Sunstein: If you sit on your rights, you’ve given them away. I suppose if you don’t mind giving them away that’s fine, but the law says you have to pay attention, and if you don’t pay attention you lose your copyright. Suppose we write a song together and we put it on the Net. We let people copy it and record it and it’s a great hit. We let this go on for five or six years and then we say that’s enough. The courts are very practical. … when that happens, the courts will say, “We’re not interested. You weren’t interested for five or six years, so why should we be?”

TNW: How do you make people understand that just because something is possible that doesn’t make it right or legal? I mean, my car will go 125 miles an hour, but I shouldn’t go that fast.

Sunstein: That’s exactly right. Just because something can be done, doesn’t mean you should do it. It was easier before because we were in the analog world and technology gave the creator an advantage. Now, the creator and reader are democratized, which is the wonderful thing about the Internet, but it also means that consumers can become dealers … I don’t think people were more ethical before, but it was harder to plagiarize and rip off. Human nature is the same as it was in the year zero, we just have better tools. RSS is a good example of the kinds of issues we have to wrestle with in the digital age. It’s fundamentally a problem that consumers can be distributors. RSS just poses an exaggerated example.

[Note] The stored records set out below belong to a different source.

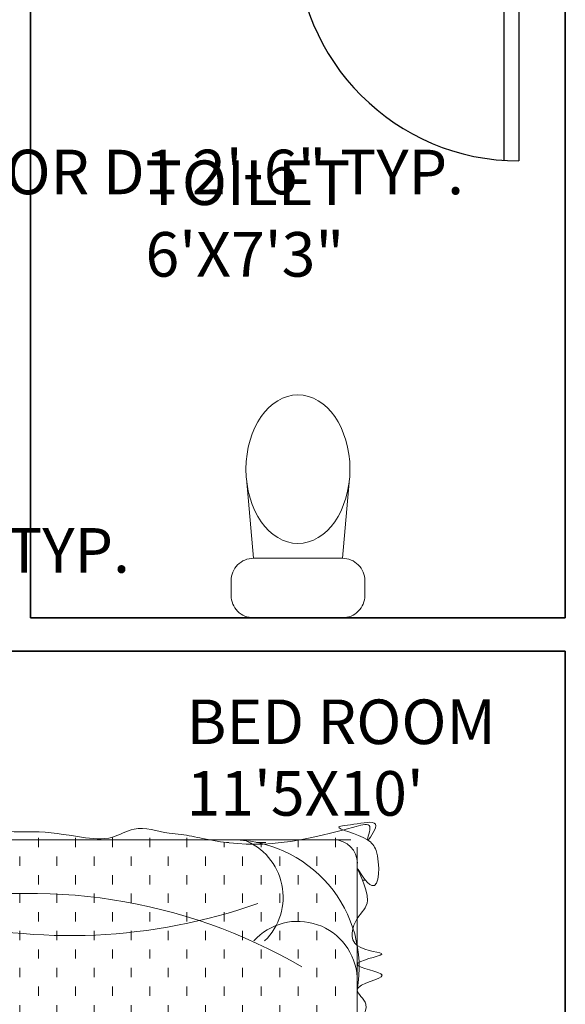
# Model space of a CAD drawing. Units: inches. Extents: x -26 to 575, y -18 to 513.
# Tile 9 of 28: x 196 to 269, y 191 to 324. Entities that reach past the tile are written whole.
import ezdxf

# ---------------------------------------------------------------- set-up
doc = ezdxf.new("R2010")
doc.units = ezdxf.units.IN
doc.header["$MEASUREMENT"] = 0
for name, color, linetype, lineweight in [('A-ANNO-DIMS', 2, 'Continuous', 18), ('A-AREA-IDEN', 7, 'Continuous', 18), ('A-DOOR', 3, 'Continuous', 25), ('A-FLOR-FIXT', 9, 'Continuous', 18), ('A-WALL', 7, 'Continuous', 35), ('Furniture', 8, 'Continuous', 15)]:
    doc.layers.add(name, color=color, linetype=linetype, lineweight=lineweight)
doc.styles.get("Standard").update_dxf_attribs({"font": 'arial.ttf', "height": 6})
doc.dimstyles.get("Standard").update_dxf_attribs({"dimtxt": 6, "dimasz": 0.18, "dimexe": 0.18, "dimexo": 0.0625, "dimgap": 0.09, "dimtad": 0, "dimtih": 1, "dimtoh": 1, "dimzin": 0, "dimdsep": 46, "dimlunit": 3, "dimtxsty": 'Standard', "dimcen": 0.09, "dimadec": 0, "dimazin": 0, "dimtfac": 1, "dimtofl": 0, "dimtmove": 0, "dimatfit": 3, "dimfxl": 1, "dimtolj": 1, "dimtzin": 0, "dimarcsym": 0})

# ---------------------------------------------------------------- blocks, each defined once
blk = doc.blocks.new('BED-DOUBLE-WITH-NIGHTSTANDS')
for p, q in [((1.93, 83.36), (1.93, 62.76)), ((21.61, 63.03), (21.61, 82.46)), ((22.83, 60.83), (22.83, 82.62)), ((81.88, 82.34), (81.88, 56.23)), ((82.67, 83.36), (82.67, 62.76)), ((102.35, 63.03), (102.35, 82.46)), ((23.23, 81.08), (0, 81.08)), ((10.27, 81.76), (8.94, 70.83)), ((21.24, 81.17), (81.88, 81.17)), ((103.97, 81.08), (80.74, 81.08)), ((20.89, 80.15), (2.67, 80.15)), ((2.67, 80.15), (2.67, 64.97)), ((20.89, 64.97), (20.89, 80.15)), ((82.67, 79.72), (21.06, 79.72)), ((101.63, 80.15), (83.41, 80.15)), ((83.41, 80.15), (83.41, 64.97)), ((101.63, 64.97), (101.63, 80.15)), ((92.57, 79.4), (92.57, 67.51)), ((14.67, 76.01), (4.51, 77.26)), ((44, 76.51), (44, 76.88)), ((46.83, 76.51), (46.83, 76.88)), ((8.06, 67.24), (12.03, 75.72)), ((12.03, 75.72), (14.23, 74.69)), ((25.06, 76.76), (22.83, 76.76)), ((41.17, 76.51), (40.96, 76.72)), ((41.17, 76.51), (41.43, 76.77)), ((41.17, 76.51), (41.17, 76.74)), ((56.23, 76.76), (41.36, 76.76)), ((44, 76.51), (43.73, 76.77)), ((44, 76.51), (44.26, 76.77)), ((46.83, 76.51), (46.56, 76.77)), ((46.83, 76.51), (47.09, 76.77)), ((57, 76.51), (56.74, 76.77)), ((57, 76.51), (57, 76.83)), ((57, 76.51), (57.27, 76.77)), ((81.88, 76.76), (59.39, 76.76)), ((59.83, 76.51), (59.59, 76.74)), ((59.83, 76.51), (59.83, 76.72)), ((59.83, 76.51), (60.02, 76.69)), ((11.46, 75.32), (8.12, 68.2)), ((14.23, 74.69), (10.26, 66.21)), ((11.77, 75.18), (11.46, 75.32)), ((25.61, 75.09), (25.35, 75.36)), ((25.61, 75.09), (25.61, 75.47)), ((25.61, 75.09), (25.88, 75.36)), ((28.44, 75.09), (28.18, 75.36)), ((28.44, 75.09), (28.44, 75.47)), ((28.44, 75.09), (28.71, 75.36)), ((31.27, 75.09), (31, 75.36)), ((31.27, 75.09), (31.27, 75.47)), ((31.27, 75.09), (31.53, 75.36)), ((34.1, 75.09), (33.83, 75.36)), ((34.1, 75.09), (34.1, 75.47)), ((34.1, 75.09), (34.36, 75.36)), ((36.93, 75.09), (36.66, 75.36)), ((36.93, 75.09), (36.93, 75.47)), ((36.93, 75.09), (37.19, 75.36)), ((39.75, 75.09), (39.49, 75.36)), ((39.75, 75.09), (39.75, 75.47)), ((39.75, 75.09), (40.02, 75.36)), ((42.58, 75.09), (42.32, 75.36)), ((42.58, 75.09), (42.58, 75.47)), ((42.58, 75.09), (42.85, 75.36)), ((45.41, 75.09), (45.15, 75.36)), ((45.41, 75.09), (45.41, 75.47)), ((45.41, 75.09), (45.68, 75.36)), ((48.24, 75.09), (47.97, 75.36)), ((48.24, 75.09), (48.24, 75.47)), ((48.24, 75.09), (48.5, 75.36)), ((51.07, 75.09), (50.8, 75.36)), ((51.07, 75.09), (51.07, 75.1)), ((51.07, 75.09), (51.07, 75.1)), ((53, 75.34), (53.03, 75.36)), ((55.59, 75.09), (55.32, 75.36)), ((55.59, 75.09), (55.59, 75.47)), ((55.59, 75.09), (55.85, 75.36)), ((58.42, 75.09), (58.15, 75.36)), ((58.42, 75.09), (58.42, 75.47)), ((58.42, 75.09), (58.68, 75.36)), ((61.25, 75.09), (60.98, 75.36)), ((61.25, 75.09), (61.25, 75.47)), ((61.25, 75.09), (61.51, 75.36)), ((64.07, 75.09), (63.81, 75.36)), ((64.07, 75.09), (64.07, 75.47)), ((64.07, 75.09), (64.34, 75.36)), ((66.9, 75.09), (66.64, 75.36)), ((66.9, 75.09), (66.9, 75.47)), ((66.9, 75.09), (67.17, 75.36)), ((69.73, 75.09), (69.47, 75.36)), ((69.73, 75.09), (69.73, 75.47)), ((69.73, 75.09), (70, 75.36)), ((72.56, 75.09), (72.29, 75.36)), ((72.56, 75.09), (72.56, 75.47)), ((72.56, 75.09), (72.82, 75.36)), ((75.39, 75.09), (75.12, 75.36)), ((75.39, 75.09), (75.39, 75.47)), ((75.39, 75.09), (75.65, 75.36)), ((78.22, 75.09), (77.95, 75.36)), ((78.22, 75.09), (78.22, 75.47)), ((78.22, 75.09), (78.48, 75.36)), ((13.24, 72.57), (11.03, 73.6)), ((14.13, 73), (11.6, 67.59)), ((19.14, 71.73), (13.98, 74.14)), ((17.98, 71.2), (14.13, 73)), ((27.03, 73.68), (26.76, 73.94)), ((27.03, 73.68), (27.03, 74.05)), ((27.03, 73.68), (27.29, 73.94)), ((29.85, 73.68), (29.59, 73.94)), ((29.85, 73.68), (30.12, 73.94)), ((29.86, 73.68), (29.86, 74.05)), ((32.68, 73.68), (32.42, 73.94)), ((32.68, 73.68), (32.68, 74.05)), ((32.68, 73.68), (32.95, 73.94)), ((35.51, 73.68), (35.25, 73.94)), ((35.51, 73.68), (35.51, 74.05)), ((35.51, 73.68), (35.78, 73.94)), ((38.34, 73.68), (38.07, 73.94)), ((38.34, 73.68), (38.34, 74.05)), ((38.34, 73.68), (38.61, 73.94)), ((41.17, 73.68), (40.9, 73.94)), ((41.17, 73.68), (41.17, 74.05)), ((41.17, 73.68), (41.43, 73.94)), ((44, 73.68), (43.73, 73.94)), ((44, 73.68), (44, 74.05)), ((44, 73.68), (44.26, 73.94)), ((46.83, 73.68), (46.56, 73.94)), ((46.83, 73.68), (46.83, 74.05)), ((46.83, 73.68), (47.09, 73.94)), ((49.65, 73.68), (49.39, 73.94)), ((49.65, 73.68), (49.65, 74.05)), ((49.65, 73.68), (49.92, 73.94)), ((54.17, 73.68), (53.91, 73.94)), ((54.17, 73.68), (54.17, 74.05)), ((54.17, 73.68), (54.44, 73.94)), ((57, 73.68), (56.74, 73.94)), ((57, 73.68), (57, 74.05)), ((57, 73.68), (57.27, 73.94)), ((59.83, 73.68), (59.57, 73.94)), ((59.83, 73.68), (59.83, 74.05)), ((59.83, 73.68), (60.1, 73.94)), ((62.66, 73.68), (62.39, 73.94)), ((62.66, 73.68), (62.66, 74.05)), ((62.66, 73.68), (62.92, 73.94)), ((65.49, 73.68), (65.22, 73.94)), ((65.49, 73.68), (65.49, 74.05)), ((65.49, 73.68), (65.75, 73.94)), ((68.32, 73.68), (68.05, 73.94)), ((68.32, 73.68), (68.32, 74.05)), ((68.32, 73.68), (68.58, 73.94)), ((71.14, 73.68), (70.88, 73.94)), ((71.14, 73.68), (71.41, 73.94)), ((71.15, 73.68), (71.15, 74.05)), ((73.97, 73.68), (73.71, 73.94)), ((73.97, 73.68), (73.97, 74.05)), ((73.97, 73.68), (74.24, 73.94)), ((76.8, 73.68), (76.54, 73.94)), ((76.8, 73.68), (76.8, 74.05)), ((76.8, 73.68), (77.07, 73.94)), ((79.63, 73.68), (79.36, 73.94)), ((79.63, 73.68), (79.63, 74.05)), ((79.63, 73.68), (79.9, 73.94)), ((98.47, 73.14), (86.67, 73.14)), ((15.8, 64.6), (19.14, 71.73)), ((25.61, 72.26), (25.35, 72.53)), ((25.61, 72.26), (25.61, 72.64)), ((25.61, 72.26), (25.88, 72.53)), ((28.44, 72.26), (28.18, 72.53)), ((28.44, 72.26), (28.44, 72.64)), ((28.44, 72.26), (28.71, 72.53)), ((31.27, 72.26), (31, 72.53)), ((31.27, 72.26), (31.27, 72.64)), ((31.27, 72.26), (31.53, 72.53)), ((34.1, 72.26), (33.83, 72.53)), ((34.1, 72.26), (34.1, 72.64)), ((34.1, 72.26), (34.36, 72.53)), ((36.93, 72.26), (36.66, 72.53)), ((36.93, 72.26), (36.93, 72.64)), ((36.93, 72.26), (37.19, 72.53)), ((39.75, 72.26), (39.49, 72.53)), ((39.75, 72.26), (39.75, 72.64)), ((39.75, 72.26), (40.02, 72.53)), ((42.58, 72.26), (42.32, 72.53)), ((42.58, 72.26), (42.58, 72.64)), ((42.58, 72.26), (42.85, 72.53)), ((45.41, 72.26), (45.15, 72.53)), ((45.41, 72.26), (45.41, 72.64)), ((45.41, 72.26), (45.68, 72.53)), ((48.24, 72.26), (47.97, 72.53)), ((48.24, 72.26), (48.24, 72.64)), ((48.24, 72.26), (48.5, 72.53)), ((55.59, 72.26), (55.32, 72.53)), ((55.59, 72.26), (55.59, 72.64)), ((55.59, 72.26), (55.85, 72.53)), ((58.42, 72.26), (58.15, 72.53)), ((58.42, 72.26), (58.42, 72.64)), ((58.42, 72.26), (58.68, 72.53)), ((61.25, 72.26), (60.98, 72.53)), ((61.25, 72.26), (61.25, 72.64)), ((61.25, 72.26), (61.51, 72.53)), ((64.07, 72.26), (63.81, 72.53)), ((64.07, 72.26), (64.07, 72.64)), ((64.07, 72.26), (64.34, 72.53)), ((66.9, 72.26), (66.64, 72.53)), ((66.9, 72.26), (66.9, 72.64)), ((66.9, 72.26), (67.17, 72.53)), ((69.73, 72.26), (69.47, 72.53)), ((69.73, 72.26), (69.73, 72.64)), ((69.73, 72.26), (70, 72.53)), ((72.56, 72.26), (72.29, 72.53)), ((72.56, 72.26), (72.56, 72.64)), ((72.56, 72.26), (72.82, 72.53)), ((75.39, 72.26), (75.12, 72.53)), ((75.39, 72.26), (75.39, 72.64)), ((75.39, 72.26), (75.65, 72.53)), ((78.22, 72.26), (77.95, 72.53)), ((78.22, 72.26), (78.22, 72.64)), ((78.22, 72.26), (78.48, 72.53)), ((15.45, 65.79), (17.98, 71.2)), ((24.2, 70.85), (23.97, 71.08)), ((24.2, 70.85), (24.2, 71.23)), ((24.2, 70.85), (24.46, 71.12)), ((27.03, 70.85), (26.76, 71.12)), ((27.03, 70.85), (27.03, 71.23)), ((27.03, 70.85), (27.29, 71.12)), ((29.85, 70.85), (29.59, 71.12)), ((29.85, 70.85), (30.12, 71.12)), ((29.86, 70.85), (29.86, 71.23)), ((32.68, 70.85), (32.42, 71.12)), ((32.68, 70.85), (32.68, 71.23)), ((32.68, 70.85), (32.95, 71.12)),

TNW: What can publishers do?

Sunstein: Make the rules clear. When it comes to people using the feeds, don’t assume that just because you got it on the Internet, you can do whatever you want from it.

1 Comment

  • I have a question about one of your final comments in the article – paraphrased as "you snooze, you lose". Very applicable in the case of copyrights, but what about patents? Why is it legal (it’s obvious that it’s not ethical) for a patent holder do essentially the same thing as your songwriting example? Except in this case, someone else develops a product (writes a "song") and you come along and asserts your rights because you hold a patent on the technology of that product.
    You never advertized the fact (e.g., RAMBUS, or BT’s hyperlink patent) that you "thought up" the tech, and you waited for someone else with the expertise/captial to create it – and then you come out of the woods claiming you deserve royalties. Why should that be legal? Are any proposed patent reforms aimed at forcing patent holders to assert their rights in a reasonable time, instead of waiting for a particular product to become a hit?